Dr. Yancy chairs the National Forum heart-failure task force that created the Stronger Hearts Helpline. The task force is a collection of dedicated heath care advocates and professionals, each of whom brings a unique set of attributes that have come together in this first of several approaches to deal with this illness. The National Forum is a non-profit organization whose mission is to build a collective voice for a heart-healthy and stroke-free society through collaborative policy and programmatic efforts.
Stronger Hearts builds on San Bernardino County’s existing 2-1-1 program, which provides a variety of health and community resources to local residents. The helpline was made possible through funding from Novartis Pharmaceuticals Corporation.
According to the National Institutes of Health, heart failure is most common in people age 65 and older and is the No. 1 reason elderly people are hospitalized. Heart-failure rates in San Bernardino County are among the highest in the state, an impetus for the area being chosen as the Stronger Hearts pilot location. The Stronger Hearts Helpline serves all residents of San Bernardino County but is specifically designed for people with heart failure, their families and/or caregivers and healthcare professionals.
“Where people live, work, learn and play has great bearing on their health and on the type of daily health care they receive,” said National Forum Executive Director John Clymer. “Through Stronger Hearts, we hope to further prove the power of a combined, centralized health service like this 2-1-1 helpline. The National Forum appreciates the efforts of our many national members, as well as the San Bernardino community groups that helped make the Stronger Hearts Helpline possible.”
Heart failure occurs when the heart cannot pump enough blood to the rest of the body, resulting in increased blood pressure and fluid retention in the limbs and/or organs. Heart failure is caused by a variety of conditions that weaken the heart, including coronary artery disease, diabetes, heart attack, high blood pressure and congenital heart defects. Treatment for heart failure begins with a combination of medication, lifestyle changes and maintaining healthy blood pressure to prevent the condition from advancing. If it worsens, more advanced treatments—such as surgery—may become necessary.

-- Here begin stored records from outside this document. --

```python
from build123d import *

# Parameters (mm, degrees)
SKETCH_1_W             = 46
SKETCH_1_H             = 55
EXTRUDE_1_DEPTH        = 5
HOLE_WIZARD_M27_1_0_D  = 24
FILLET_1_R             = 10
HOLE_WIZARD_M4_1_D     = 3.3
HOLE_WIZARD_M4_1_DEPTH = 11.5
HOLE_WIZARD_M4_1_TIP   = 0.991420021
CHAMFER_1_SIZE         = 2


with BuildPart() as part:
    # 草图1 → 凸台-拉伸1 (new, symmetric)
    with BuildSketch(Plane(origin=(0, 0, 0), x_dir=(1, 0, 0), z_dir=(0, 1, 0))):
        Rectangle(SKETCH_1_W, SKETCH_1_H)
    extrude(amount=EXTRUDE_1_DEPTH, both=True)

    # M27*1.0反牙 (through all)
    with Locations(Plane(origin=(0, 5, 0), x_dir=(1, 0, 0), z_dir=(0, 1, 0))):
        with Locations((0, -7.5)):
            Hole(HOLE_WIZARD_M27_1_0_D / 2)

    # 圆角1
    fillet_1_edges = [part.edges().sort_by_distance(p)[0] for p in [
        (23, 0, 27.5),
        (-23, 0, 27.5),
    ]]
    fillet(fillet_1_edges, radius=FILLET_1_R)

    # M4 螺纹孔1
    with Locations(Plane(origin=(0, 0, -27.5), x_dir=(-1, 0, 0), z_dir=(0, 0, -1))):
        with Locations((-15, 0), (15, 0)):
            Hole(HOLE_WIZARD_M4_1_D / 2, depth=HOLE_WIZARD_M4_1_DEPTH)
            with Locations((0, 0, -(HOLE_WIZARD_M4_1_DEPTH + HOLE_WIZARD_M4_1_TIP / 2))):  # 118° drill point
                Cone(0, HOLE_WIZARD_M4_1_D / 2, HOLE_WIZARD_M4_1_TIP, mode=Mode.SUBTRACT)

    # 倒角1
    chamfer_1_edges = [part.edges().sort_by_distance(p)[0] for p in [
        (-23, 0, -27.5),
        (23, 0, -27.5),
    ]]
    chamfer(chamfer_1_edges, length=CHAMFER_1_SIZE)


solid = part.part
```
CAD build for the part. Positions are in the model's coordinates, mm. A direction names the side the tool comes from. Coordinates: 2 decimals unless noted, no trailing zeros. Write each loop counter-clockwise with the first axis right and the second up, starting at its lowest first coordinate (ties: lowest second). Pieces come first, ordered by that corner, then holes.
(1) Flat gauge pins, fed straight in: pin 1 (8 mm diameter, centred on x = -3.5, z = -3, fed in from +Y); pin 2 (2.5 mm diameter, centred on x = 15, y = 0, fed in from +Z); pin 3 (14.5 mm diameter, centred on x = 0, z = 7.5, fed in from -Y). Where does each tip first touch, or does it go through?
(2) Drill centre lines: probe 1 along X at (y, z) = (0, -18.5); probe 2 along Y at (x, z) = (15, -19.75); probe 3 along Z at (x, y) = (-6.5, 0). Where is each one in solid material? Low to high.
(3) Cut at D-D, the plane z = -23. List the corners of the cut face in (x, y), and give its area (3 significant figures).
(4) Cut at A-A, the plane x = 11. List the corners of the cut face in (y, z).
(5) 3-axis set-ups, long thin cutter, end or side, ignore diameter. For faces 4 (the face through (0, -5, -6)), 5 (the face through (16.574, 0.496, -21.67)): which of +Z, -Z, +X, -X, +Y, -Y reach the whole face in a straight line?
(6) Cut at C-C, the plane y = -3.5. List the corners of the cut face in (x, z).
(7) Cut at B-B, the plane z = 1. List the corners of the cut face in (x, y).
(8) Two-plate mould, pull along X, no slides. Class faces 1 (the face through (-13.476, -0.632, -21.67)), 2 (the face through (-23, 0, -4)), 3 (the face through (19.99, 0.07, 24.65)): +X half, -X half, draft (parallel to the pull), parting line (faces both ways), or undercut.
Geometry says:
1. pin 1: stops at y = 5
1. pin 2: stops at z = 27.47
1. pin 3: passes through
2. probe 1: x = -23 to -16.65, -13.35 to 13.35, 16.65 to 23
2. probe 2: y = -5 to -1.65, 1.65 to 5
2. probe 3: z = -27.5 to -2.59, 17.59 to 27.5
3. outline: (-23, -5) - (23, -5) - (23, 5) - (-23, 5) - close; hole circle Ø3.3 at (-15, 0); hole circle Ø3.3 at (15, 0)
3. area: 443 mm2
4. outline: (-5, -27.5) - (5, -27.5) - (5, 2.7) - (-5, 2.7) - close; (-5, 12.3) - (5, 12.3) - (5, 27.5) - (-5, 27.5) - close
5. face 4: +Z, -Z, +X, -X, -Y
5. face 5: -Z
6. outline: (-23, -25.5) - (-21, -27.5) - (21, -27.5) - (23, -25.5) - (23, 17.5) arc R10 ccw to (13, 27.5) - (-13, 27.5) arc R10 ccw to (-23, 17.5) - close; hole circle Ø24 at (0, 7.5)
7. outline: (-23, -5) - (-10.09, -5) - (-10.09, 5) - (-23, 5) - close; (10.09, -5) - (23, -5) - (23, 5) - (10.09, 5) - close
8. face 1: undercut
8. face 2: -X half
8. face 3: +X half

About the National Forum for Heart Disease & Stroke Prevention
The National Forum for Heart Disease and Stroke Prevention builds a collective voice for a heart-healthy and stroke-free society through its collaborative policy and programmatic efforts. Members include more than 80 U.S. and international organizations representing public, private, health care, advocacy, academic, policy, and community sectors. The National Forum is an independent non-profit, 501(c)(3), voluntary health organization. For more information on the Stronger Hearts Helpline, please visit this link.
About 2-1-1 San Bernardino County
2-1-1 is an information and referral service that connects San Bernardino County residents with health and social services resources. It’s available 24 hours a day, 7 days a week and is staffed by trained bilingual staff (Spanish). For callers who need assistance in another language, 2-1-1 uses a translation line that allows communication in over 150 languages. San Bernardino County's 2-1-1 service was developed with the help of a broad, community-based team, the 2-1-1 Advisory Committee, comprising representatives from the First 5 Commission, the Board of Supervisors, several County departments, Loma Linda University, Cal State San Bernardino and other groups and non-profit organizations. 2-1-1 is a national United Way initiative.